Saturday, December 6, 2014

US killing cases by police ignite anti-racism

In the US, demonstration against racism is flaming.

(This photo is not relevant to the content of this entry.)

It began originated in some tragic cases. One incident occurred in July 2014. Eric Garner was selling untaxed cigarettes on the street in New York. The police attempted to arrest him. According to the media, although he was neither unarmed or violent, officers knocked him down. Furthermore, he was chocked by the hands of cops, being likely to lead his death.

New York Post: Man dies after suffering heart attack during arrest

Even he had many criminal records, such deal looked excessively cruel. But, what ignited the fury of citizens was the decision not to charge the officer for making him dead by the grand jury. Thousands of protesters got together in Manhattan, Philadelphia, San Francisco, and so forth.

Mail Online: Protests in New York after officer escapes choking charge

Press TV: Demos condemn grand juries for not charging cops for killing blacks

The US government could not ignore the voice of citizens. Eric Holder. a US Attorney General declared to investigate the case in detail.

USA Today: Top U.S. justice official promises probe after NYC police chokehold death

Similar cases sometimes occur in the US. Michael Brown, an unarmed black teenager, was killed by shot on Aug. 9, 2014 by an officer. The shooter was also not charged.
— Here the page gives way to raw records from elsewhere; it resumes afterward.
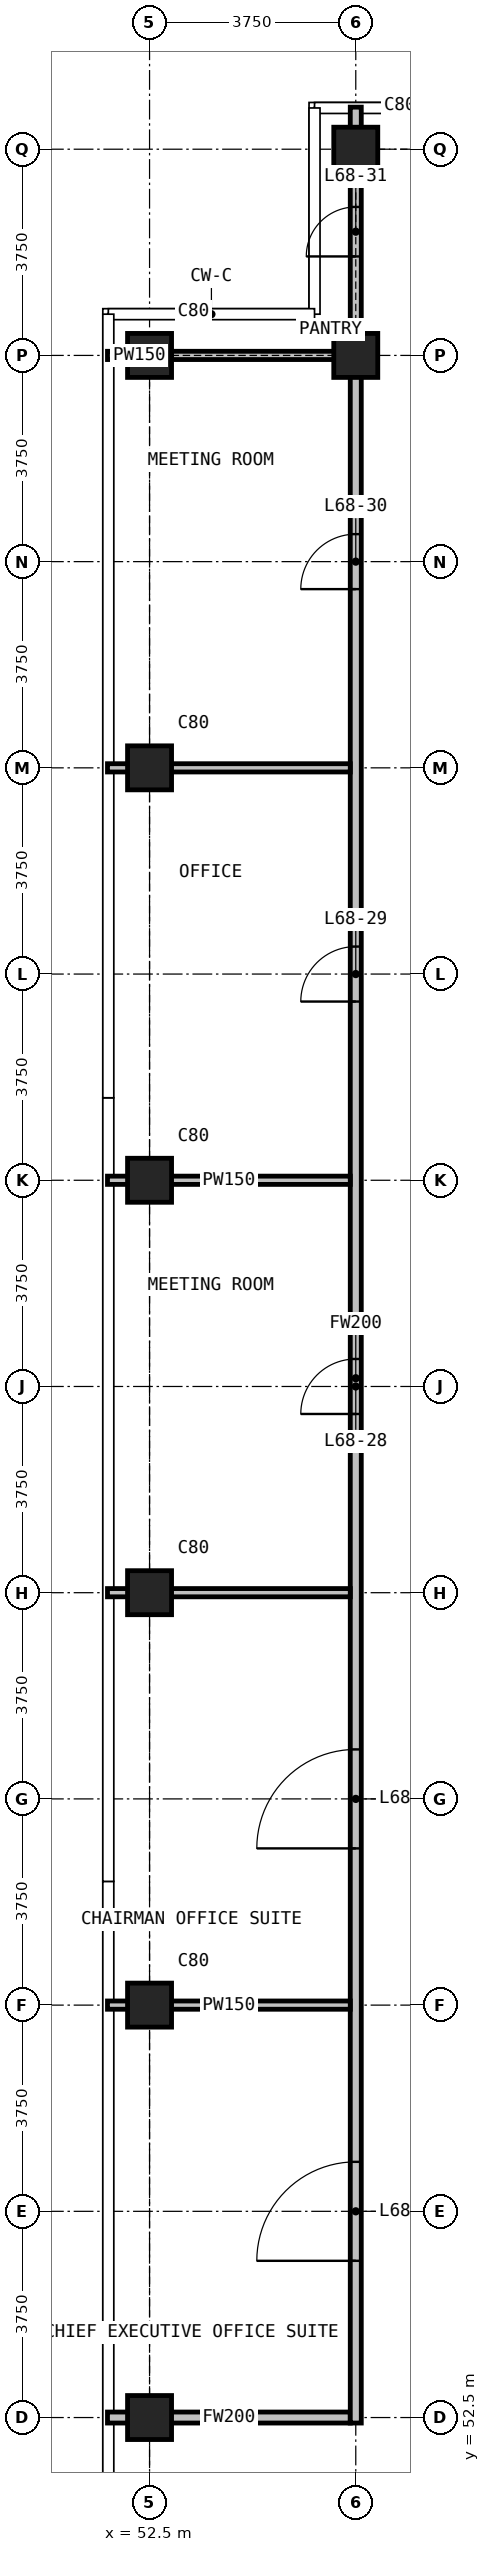
"""IFC4 building model, lengths in metres.
Left out: names, types, materials, properties, quantities, classifications, styles, units other than length and angle.
Written with IfcOpenShell. Run it as: python <this file> out.ifc"""

import sys

from ifc_helpers import new_model, si_unit, direction, frame, frame_2d, origin, origin_2d, place, context, subcontext, project, spatial, rectangle, extrude, element, fill, save


model = new_model("IFC4")
c1 = context("Model", 3, precision=1e-05, world=origin(), true_north=direction((0.0, 1.0)))
c2 = subcontext(c1, "Body", "Model", "MODEL_VIEW")
j1 = project(units=[si_unit("LENGTHUNIT", "METRE"), si_unit("PLANEANGLEUNIT", "RADIAN")], contexts=[c1])
p1 = place(None, origin())
s1 = spatial("IfcSite", under=j1, at=p1, CompositionType="ELEMENT")
p2 = place(p1, origin())
s2 = spatial("IfcBuilding", under=s1, at=p2, CompositionType="ELEMENT")
p3 = place(p2, frame((0.0, 0.0, 262.1)))
s3 = spatial("IfcBuildingStorey", under=s2, at=p3, CompositionType="ELEMENT", Elevation=262.1)
for number, where, z_axis, x_axis in (
    (1, (52.5, 52.5, 0.0), (0.0, 0.0, 1.0), (1.0, 0.0, 0.0)),
    (2, (52.5, 60.0, 0.0), (0.0, 0.0, 1.0), (1.0, 0.0, 0.0)),
    (3, (52.5, 67.5, 0.0), (0.0, 0.0, 1.0), (1.0, 0.0, 0.0)),
    (4, (52.5, 75.0, 0.0), (0.0, 0.0, 1.0), (1.0, 0.0, 0.0)),
    (5, (52.5, 82.5, 0.0), (0.0, 0.0, 1.0), (1.0, 0.0, 0.0)),
    (6, (52.5, 90.0, 0.0), (0.0, 0.0, 1.0), (1.0, 0.0, 0.0)),
    (7, (56.25, 90.0, 0.0), (0.0, 0.0, 1.0), (1.0, 0.0, 0.0)),
    (8, (56.25, 93.75, 0.0), (0.0, 0.0, 1.0), (1.0, 0.0, 0.0)),
):
    element("IfcColumn", number, at=place(p3, frame(where, z_axis=z_axis, x_axis=x_axis)), inside=s3, PredefinedType="COLUMN", context=c2, shape_type="SweptSolid", body=[
        extrude(rectangle(XDim=0.8, YDim=0.8, at=origin_2d()), origin(), (0.0, 0.0, 1.0), 3.6),
    ])
p4 = place(p3, frame((51.735, 52.5, 0.0), z_axis=(0.0, 0.0, 1.0), x_axis=(1.0, 0.0, 0.0)))
e9 = element("IfcWall", 9, at=p4, inside=s3, PredefinedType="PARTITIONING", context=c2, shape_type="SweptSolid", body=[
    extrude(rectangle(XDim=4.415, YDim=0.2, at=frame_2d((2.208, 0.0))), origin(), (0.0, 0.0, 1.0), 3.3),
])
p5 = place(p3, frame((56.25, 52.4, 0.0), z_axis=(0.0, 0.0, 1.0), x_axis=(0.0, 1.0, 0.0)))
e10 = element("IfcWall", 10, at=p5, inside=s3, PredefinedType="PARTITIONING", context=c2, shape_type="SweptSolid", body=[
    extrude(rectangle(XDim=38.0, YDim=0.2, at=frame_2d((19.0, 0.0))), origin(), (0.0, 0.0, 1.0), 3.3),
])
p6 = place(p5, frame((2.95, 0.0, 0.0)))
e11 = element("IfcOpeningElement", 11, at=p6, cuts=e10, PredefinedType="OPENING", context=c2, shape_type="SweptSolid", body=[
    extrude(rectangle(XDim=1.8, YDim=2.2, at=frame_2d((0.9, 1.1))), frame((0.0, 0.11, 0.0), z_axis=(0.0, -1.0, 0.0), x_axis=(1.0, 0.0, 0.0)), (0.0, 0.0, 1.0), 0.22),
])
p7 = place(p5, frame((10.45, 0.0, 0.0)))
e12 = element("IfcOpeningElement", 12, at=p7, cuts=e10, PredefinedType="OPENING", context=c2, shape_type="SweptSolid", body=[
    extrude(rectangle(XDim=1.8, YDim=2.2, at=frame_2d((0.9, 1.1))), frame((0.0, 0.11, 0.0), z_axis=(0.0, -1.0, 0.0), x_axis=(1.0, 0.0, 0.0)), (0.0, 0.0, 1.0), 0.22),
])
p8 = place(p5, frame((18.35, 0.0, 0.0)))
e13 = element("IfcOpeningElement", 13, at=p8, cuts=e10, PredefinedType="OPENING", context=c2, shape_type="SweptSolid", body=[
    extrude(rectangle(XDim=1.0, YDim=2.2, at=frame_2d((0.5, 1.1))), frame((0.0, 0.11, 0.0), z_axis=(0.0, -1.0, 0.0), x_axis=(1.0, 0.0, 0.0)), (0.0, 0.0, 1.0), 0.22),
])
p9 = place(p5, frame((25.85, 0.0, 0.0)))
e14 = element("IfcOpeningElement", 14, at=p9, cuts=e10, PredefinedType="OPENING", context=c2, shape_type="SweptSolid", body=[
    extrude(rectangle(XDim=1.0, YDim=2.2, at=frame_2d((0.5, 1.1))), frame((0.0, 0.11, 0.0), z_axis=(0.0, -1.0, 0.0), x_axis=(1.0, 0.0, 0.0)), (0.0, 0.0, 1.0), 0.22),
])
p10 = place(p5, frame((33.35, 0.0, 0.0)))
e15 = element("IfcOpeningElement", 15, at=p10, cuts=e10, PredefinedType="OPENING", context=c2, shape_type="SweptSolid", body=[
    extrude(rectangle(XDim=1.0, YDim=2.2, at=frame_2d((0.5, 1.1))), frame((0.0, 0.11, 0.0), z_axis=(0.0, -1.0, 0.0), x_axis=(1.0, 0.0, 0.0)), (0.0, 0.0, 1.0), 0.22),
])
p11 = place(p3, frame((56.25, 90.4, 0.0), z_axis=(0.0, 0.0, 1.0), x_axis=(0.0, 1.0, 0.0)))
e16 = element("IfcWall", 16, at=p11, inside=s3, PredefinedType="PARTITIONING", context=c2, shape_type="SweptSolid", body=[
    extrude(rectangle(XDim=2.95, YDim=0.2, at=frame_2d((1.475, 0.0))), origin(), (0.0, 0.0, 1.0), 2.5),
])
p12 = place(p11, frame((1.4, 0.0, 0.0)))
e17 = element("IfcOpeningElement", 17, at=p12, cuts=e16, PredefinedType="OPENING", context=c2, shape_type="SweptSolid", body=[
    extrude(rectangle(XDim=0.9, YDim=2.2, at=frame_2d((0.45, 1.1))), frame((0.0, 0.11, 0.0), z_axis=(0.0, -1.0, 0.0), x_axis=(1.0, 0.0, 0.0)), (0.0, 0.0, 1.0), 0.22),
])
p13 = place(p3, frame((56.25, 93.35, 0.0), z_axis=(0.0, 0.0, 1.0), x_axis=(0.0, 1.0, 0.0)))
e18 = element("IfcWall", 18, at=p13, inside=s3, PredefinedType="PARTITIONING", context=c2, shape_type="SweptSolid", body=[
    extrude(rectangle(XDim=1.165, YDim=0.2, at=frame_2d((0.583, 0.0))), origin(), (0.0, 0.0, 1.0), 3.3),
])
for number, where, z_axis, x_axis in (
    (19, (51.735, 60.0, 0.0), (0.0, 0.0, 1.0), (1.0, 0.0, 0.0)),
    (20, (51.735, 67.5, 0.0), (0.0, 0.0, 1.0), (1.0, 0.0, 0.0)),
    (21, (51.735, 75.0, 0.0), (0.0, 0.0, 1.0), (1.0, 0.0, 0.0)),
    (22, (51.735, 82.5, 0.0), (0.0, 0.0, 1.0), (1.0, 0.0, 0.0)),
):
    element("IfcWall", number, at=place(p3, frame(where, z_axis=z_axis, x_axis=x_axis)), inside=s3, PredefinedType="PARTITIONING", context=c2, shape_type="SweptSolid", body=[
        extrude(rectangle(XDim=4.415, YDim=0.15, at=frame_2d((2.208, 0.0))), origin(), (0.0, 0.0, 1.0), 3.3),
    ])
p14 = place(p3, frame((51.735, 90.0, 0.0), z_axis=(0.0, 0.0, 1.0), x_axis=(1.0, 0.0, 0.0)))
e23 = element("IfcWall", 23, at=p14, inside=s3, PredefinedType="PARTITIONING", context=c2, shape_type="SweptSolid", body=[
    extrude(rectangle(XDim=1.164, YDim=0.15, at=frame_2d((0.582, 0.0))), origin(), (0.0, 0.0, 1.0), 3.3),
])
p15 = place(p3, frame((52.899, 90.0, 0.0), z_axis=(0.0, 0.0, 1.0), x_axis=(1.0, 0.0, 0.0)))
e24 = element("IfcWall", 24, at=p15, inside=s3, PredefinedType="PARTITIONING", context=c2, shape_type="SweptSolid", body=[
    extrude(rectangle(XDim=3.251, YDim=0.15, at=frame_2d((1.625, 0.0))), origin(), (0.0, 0.0, 1.0), 2.5),
])
p16 = place(p6, origin())
e25 = element("IfcDoor", 25, at=p16, inside=s3, OperationType="DOUBLE_DOOR_SINGLE_SWING", PredefinedType="DOOR", context=c2, shape_type="SweptSolid", body=[
    extrude(rectangle(XDim=1.8, YDim=2.2, at=frame_2d((0.9, 1.1))), frame((0.0, 0.025, 0.0), z_axis=(0.0, -1.0, 0.0), x_axis=(1.0, 0.0, 0.0)), (0.0, 0.0, 1.0), 0.05),
])
fill(e11, e25)
p17 = place(p7, origin())
e26 = element("IfcDoor", 26, at=p17, inside=s3, OperationType="DOUBLE_DOOR_SINGLE_SWING", PredefinedType="DOOR", context=c2, shape_type="SweptSolid", body=[
    extrude(rectangle(XDim=1.8, YDim=2.2, at=frame_2d((0.9, 1.1))), frame((0.0, 0.025, 0.0), z_axis=(0.0, -1.0, 0.0), x_axis=(1.0, 0.0, 0.0)), (0.0, 0.0, 1.0), 0.05),
])
fill(e12, e26)
p18 = place(p8, origin())
e27 = element("IfcDoor", 27, at=p18, inside=s3, OperationType="SINGLE_SWING_LEFT", PredefinedType="DOOR", context=c2, shape_type="SweptSolid", body=[
    extrude(rectangle(XDim=1.0, YDim=2.2, at=frame_2d((0.5, 1.1))), frame((0.0, 0.025, 0.0), z_axis=(0.0, -1.0, 0.0), x_axis=(1.0, 0.0, 0.0)), (0.0, 0.0, 1.0), 0.05),
])
fill(e13, e27)
p19 = place(p9, origin())
e28 = element("IfcDoor", 28, at=p19, inside=s3, OperationType="SINGLE_SWING_RIGHT", PredefinedType="DOOR", context=c2, shape_type="SweptSolid", body=[
    extrude(rectangle(XDim=1.0, YDim=2.2, at=frame_2d((0.5, 1.1))), frame((0.0, 0.025, 0.0), z_axis=(0.0, -1.0, 0.0), x_axis=(1.0, 0.0, 0.0)), (0.0, 0.0, 1.0), 0.05),
])
fill(e14, e28)
p20 = place(p10, origin())
e29 = element("IfcDoor", 29, at=p20, inside=s3, OperationType="SINGLE_SWING_LEFT", PredefinedType="DOOR", context=c2, shape_type="SweptSolid", body=[
    extrude(rectangle(XDim=1.0, YDim=2.2, at=frame_2d((0.5, 1.1))), frame((0.0, 0.025, 0.0), z_axis=(0.0, -1.0, 0.0), x_axis=(1.0, 0.0, 0.0)), (0.0, 0.0, 1.0), 0.05),
])
fill(e15, e29)
p21 = place(p12, origin())
e30 = element("IfcDoor", 30, at=p21, inside=s3, OperationType="SINGLE_SWING_LEFT", PredefinedType="DOOR", context=c2, shape_type="SweptSolid", body=[
    extrude(rectangle(XDim=0.9, YDim=2.2, at=frame_2d((0.45, 1.1))), frame((0.0, 0.025, 0.0), z_axis=(0.0, -1.0, 0.0), x_axis=(1.0, 0.0, 0.0)), (0.0, 0.0, 1.0), 0.05),
])
fill(e17, e30)
save(model, sys.argv[1])

The Guardian: Grand jury decline to charge Darren Wilson for killing Michael Brown

Even after this, similar cases seem to recurrently happen.

The Daily Beast: The 14 Teens Killed by Cops Since Michael Brown

The police brutality has been deemed problematic in the US. Discrimination against black people is also an issue. However, there are some point to be clarified in the sequential cases.

First, are they the cases of racism? Or, the victims were black, and the shooters were white, by chance? I think the existence of racism behind the cases will never be proven with each trial. However, some statistics has shown the bias between white and black regarding criminal justice system. For example, the difference of death penalty rates in race is debated.

Death Penalty Information Center

Second, brutal police can result from brutal crimes. The US marks high rate of crimes among developed countries. If police officers always feel unsafe and frightened, it would be no use to ask them to be polite. The worst fact is that any criminals in the US can equip a gun.

In contrast, Japanese police are extremely calm. It is derived not only from the character of Japanese, but also from the low rate of violent crimes.

Therefore, I think it is difficult to indict the shooters. Even if they are punished, other cops would not hesitate to use a gun to protect themselves. And it seems unrealistic to request the police to be fair, unless the cities become more secure, unfortunately.